# TryHackMe Blog WriteUp ### Tryhackme Blog Writeup Hello Again :) ### **Reconnaissance and Enumeration** as usual, we start with scanning the machine **nmap scan**

we have 4 ports open, ssh, http, and samba, its a good practice to check ftp, samba or nfs before going to the web server. **samba enumeration** i will use `smbclient -L [IP HERE]` to check for avilable shares.

found BillySMB, we connect to the share.

found three files, we can extract them by using `get FILE_NAME`. lets check them! check-this.png [![image](https://421213191-files.gitbook.io/~/files/v0/b/gitbook-x-prod.appspot.com/o/spaces%2FfUOAAeVs9eihqxcrtvIC%2Fuploads%2F2oSMBtiJDv56Z65PV7Hk%2F1%204.png?alt=media)](https://421213191-files.gitbook.io/~/files/v0/b/gitbook-x-prod.appspot.com/o/spaces%2FfUOAAeVs9eihqxcrtvIC%2Fuploads%2F2oSMBtiJDv56Z65PV7Hk%2F1%204.png?alt=media) if you scan it you will go to this link :) Alice-White-Rabbit.jpg

nothing important tswift.mp4 also nothing important **web enumeration** now lets check the webpage the page is struggling to load which is weird, as in the description “you’ll need to add blog.thm to your /etc/hosts file”

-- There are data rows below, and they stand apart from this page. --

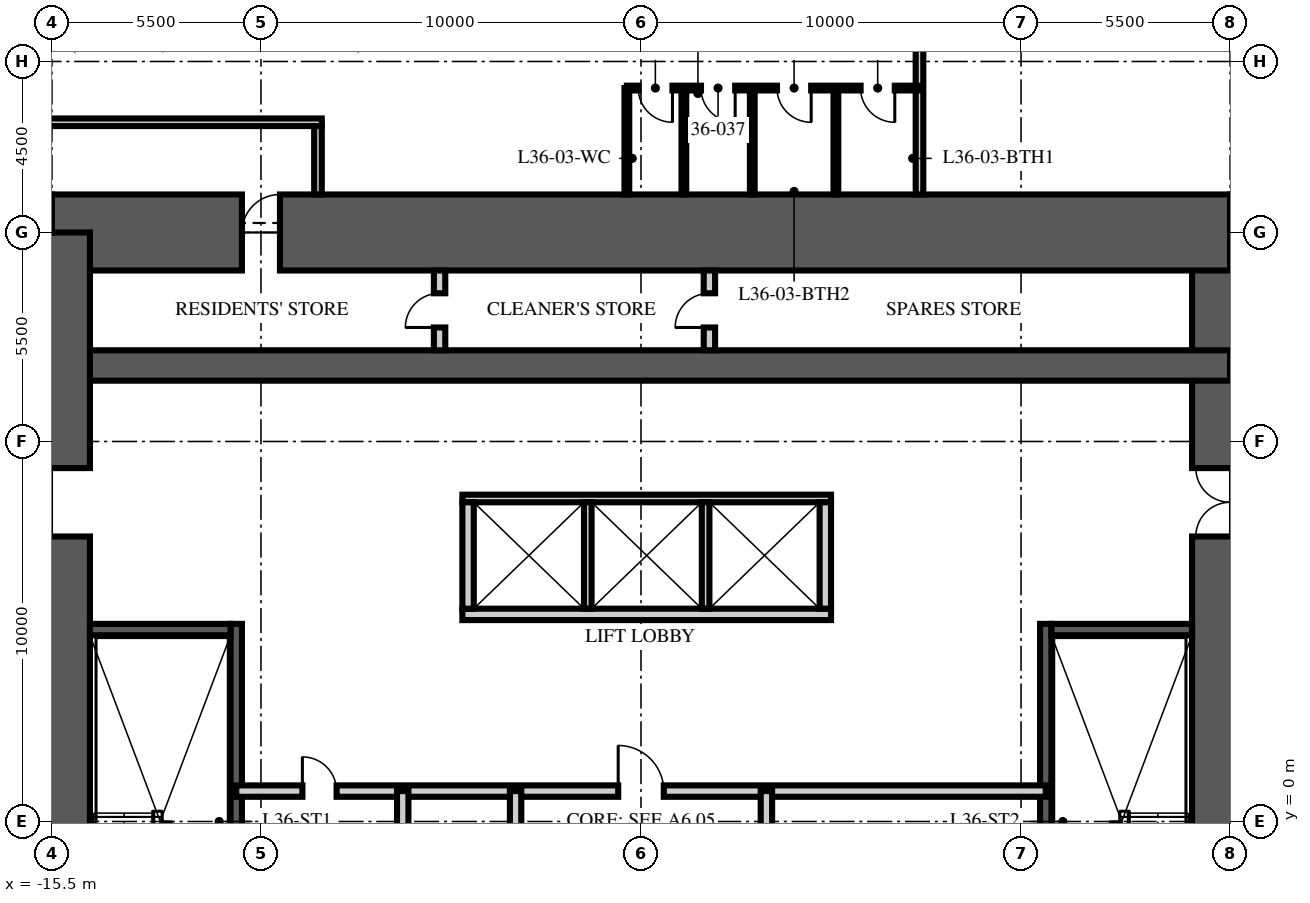
"""IFC4 building model, lengths in metres.
Left out: names, types, materials, properties, quantities, classifications, styles, units other than length and angle.
Written with IfcOpenShell. Run it as: python <this file> out.ifc"""

import sys

from ifc_helpers import new_model, si_unit, direction, frame, frame_2d, origin, place, context, subcontext, project, spatial, rectangle, extrude, element, fill, save


model = new_model("IFC4")
c1 = context("Model", 3, precision=1e-05, world=origin(), true_north=direction((0.0, 1.0)))
c2 = subcontext(c1, "Body", "Model", "MODEL_VIEW")
j1 = project(units=[si_unit("LENGTHUNIT", "METRE"), si_unit("PLANEANGLEUNIT", "RADIAN")], contexts=[c1])
p1 = place(None, origin())
s1 = spatial("IfcSite", under=j1, at=p1, CompositionType="ELEMENT")
p2 = place(p1, origin())
s2 = spatial("IfcBuilding", under=s1, at=p2, CompositionType="ELEMENT")
p3 = place(p2, frame((0.0, 0.0, 144.75)))
s3 = spatial("IfcBuildingStorey", under=s2, at=p3, CompositionType="ELEMENT", Elevation=144.75)
p4 = place(p3, frame((15.5, -15.5, -0.25), z_axis=(0.0, 0.0, 1.0), x_axis=(0.0, 1.0, 0.0)))
e1 = element("IfcWall", 1, at=p4, inside=s3, PredefinedType="SHEAR", context=c2, shape_type="SweptSolid", body=[
    extrude(rectangle(XDim=31.0, YDim=2.0, at=frame_2d((15.5, 0.0))), origin(), (0.0, 0.0, 1.0), 3.75),
])
p5 = place(p4, frame((6.5, 0.0, 0.25)))
e2 = element("IfcOpeningElement", 2, at=p5, cuts=e1, PredefinedType="OPENING", context=c2, shape_type="SweptSolid", body=[
    extrude(rectangle(XDim=1.2, YDim=2.1, at=frame_2d((0.6, 1.05))), frame((0.0, 1.01, 0.0), z_axis=(0.0, -1.0, 0.0), x_axis=(1.0, 0.0, 0.0)), (0.0, 0.0, 1.0), 2.02),
])
p6 = place(p4, frame((23.0, 0.0, 0.25)))
e3 = element("IfcOpeningElement", 3, at=p6, cuts=e1, PredefinedType="OPENING", context=c2, shape_type="SweptSolid", body=[
    extrude(rectangle(XDim=1.8, YDim=2.1, at=frame_2d((0.9, 1.05))), frame((0.0, 1.01, 0.0), z_axis=(0.0, -1.0, 0.0), x_axis=(1.0, 0.0, 0.0)), (0.0, 0.0, 1.0), 2.02),
])
p7 = place(p3, frame((-15.5, 15.5, -0.25), z_axis=(0.0, 0.0, 1.0), x_axis=(1.0, 0.0, 0.0)))
e4 = element("IfcWall", 4, at=p7, inside=s3, PredefinedType="SHEAR", context=c2, shape_type="SweptSolid", body=[
    extrude(rectangle(XDim=31.0, YDim=2.0, at=frame_2d((15.5, 0.0))), origin(), (0.0, 0.0, 1.0), 3.75),
])
p8 = place(p7, frame((5.0, 0.0, 0.25)))
e5 = element("IfcOpeningElement", 5, at=p8, cuts=e4, PredefinedType="OPENING", context=c2, shape_type="SweptSolid", body=[
    extrude(rectangle(XDim=1.0, YDim=2.1, at=frame_2d((0.5, 1.05))), frame((0.0, 1.01, 0.0), z_axis=(0.0, -1.0, 0.0), x_axis=(1.0, 0.0, 0.0)), (0.0, 0.0, 1.0), 2.02),
])
p9 = place(p3, frame((-15.5, 12.0, -0.25), z_axis=(0.0, 0.0, 1.0), x_axis=(1.0, 0.0, 0.0)))
e6 = element("IfcWall", 6, at=p9, inside=s3, PredefinedType="SHEAR", context=c2, shape_type="SweptSolid", body=[
    extrude(rectangle(XDim=31.0, YDim=0.8, at=frame_2d((15.5, 0.0))), origin(), (0.0, 0.0, 1.0), 3.75),
])
p10 = place(p3, frame((-15.5, -15.5, -0.25), z_axis=(0.0, 0.0, 1.0), x_axis=(0.0, 1.0, 0.0)))
e7 = element("IfcWall", 7, at=p10, inside=s3, PredefinedType="SHEAR", context=c2, shape_type="SweptSolid", body=[
    extrude(rectangle(XDim=31.0, YDim=2.0, at=frame_2d((15.5, 0.0))), origin(), (0.0, 0.0, 1.0), 3.75),
])
p11 = place(p10, frame((6.5, 0.0, 0.25)))
e8 = element("IfcOpeningElement", 8, at=p11, cuts=e7, PredefinedType="OPENING", context=c2, shape_type="SweptSolid", body=[
    extrude(rectangle(XDim=1.2, YDim=2.1, at=frame_2d((0.6, 1.05))), frame((0.0, 1.01, 0.0), z_axis=(0.0, -1.0, 0.0), x_axis=(1.0, 0.0, 0.0)), (0.0, 0.0, 1.0), 2.02),
])
p12 = place(p10, frame((23.0, 0.0, 0.25)))
e9 = element("IfcOpeningElement", 9, at=p12, cuts=e7, PredefinedType="OPENING", context=c2, shape_type="SweptSolid", body=[
    extrude(rectangle(XDim=1.8, YDim=2.1, at=frame_2d((0.9, 1.05))), frame((0.0, 1.01, 0.0), z_axis=(0.0, -1.0, 0.0), x_axis=(1.0, 0.0, 0.0)), (0.0, 0.0, 1.0), 2.02),
])
p13 = place(p3, frame((-10.65, -4.9, 0.0), z_axis=(0.0, 0.0, 1.0), x_axis=(0.0, 1.0, 0.0)))
e10 = element("IfcWall", 10, at=p13, inside=s3, PredefinedType="SOLIDWALL", context=c2, shape_type="SweptSolid", body=[
    extrude(rectangle(XDim=10.1, YDim=0.3, at=frame_2d((5.05, 0.0))), origin(), (0.0, 0.0, 1.0), 3.5),
])
p14 = place(p3, frame((-14.5, 5.05, 0.0), z_axis=(0.0, 0.0, 1.0), x_axis=(1.0, 0.0, 0.0)))
e11 = element("IfcWall", 11, at=p14, inside=s3, PredefinedType="SOLIDWALL", context=c2, shape_type="SweptSolid", body=[
    extrude(rectangle(XDim=3.7, YDim=0.3, at=frame_2d((1.85, 0.0))), origin(), (0.0, 0.0, 1.0), 3.5),
])
p15 = place(p3, frame((10.65, -4.9, 0.0), z_axis=(0.0, 0.0, 1.0), x_axis=(0.0, 1.0, 0.0)))
e12 = element("IfcWall", 12, at=p15, inside=s3, PredefinedType="SOLIDWALL", context=c2, shape_type="SweptSolid", body=[
    extrude(rectangle(XDim=10.1, YDim=0.3, at=frame_2d((5.05, 0.0))), origin(), (0.0, 0.0, 1.0), 3.5),
])
p16 = place(p3, frame((14.5, 5.05, 0.0), z_axis=(0.0, 0.0, 1.0), x_axis=(-1.0, 0.0, 0.0)))
e13 = element("IfcWall", 13, at=p16, inside=s3, PredefinedType="SOLIDWALL", context=c2, shape_type="SweptSolid", body=[
    extrude(rectangle(XDim=3.7, YDim=0.3, at=frame_2d((1.85, 0.0))), origin(), (0.0, 0.0, 1.0), 3.5),
])
p17 = place(p3, frame((-4.7, 5.45, 0.0), z_axis=(0.0, 0.0, 1.0), x_axis=(1.0, 0.0, 0.0)))
e14 = element("IfcWall", 14, at=p17, inside=s3, PredefinedType="PARTITIONING", context=c2, shape_type="SweptSolid", body=[
    extrude(rectangle(XDim=9.7, YDim=0.3, at=frame_2d((4.85, 0.0))), origin(), (0.0, 0.0, 1.0), 3.5),
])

the flag -a in tee means you append what you pipe into it, without it the file will be wiped. we find a blog (obviously), its powered by wordpress.

since its powered with wordpress and we can access the admin panel, i will use wpscan to scan for usernames. the command: ```bash wpscan --url http://blog.thm/ --enumerate u ```

the wordpress version is 5.0, we could use this later or search for a CVE. we found two users: kwheel and bjoel, now its time to get the passwords, i will create a file named “users.txt” with the usernames in it. the command: ```bash wpscan -U users.txt -P /usr/share/wordlists/rockyou.txt --url http://blog.thm ``` success!!! we found the password for kwheel

we try the credentials to access the admin panel and bingo we’re in!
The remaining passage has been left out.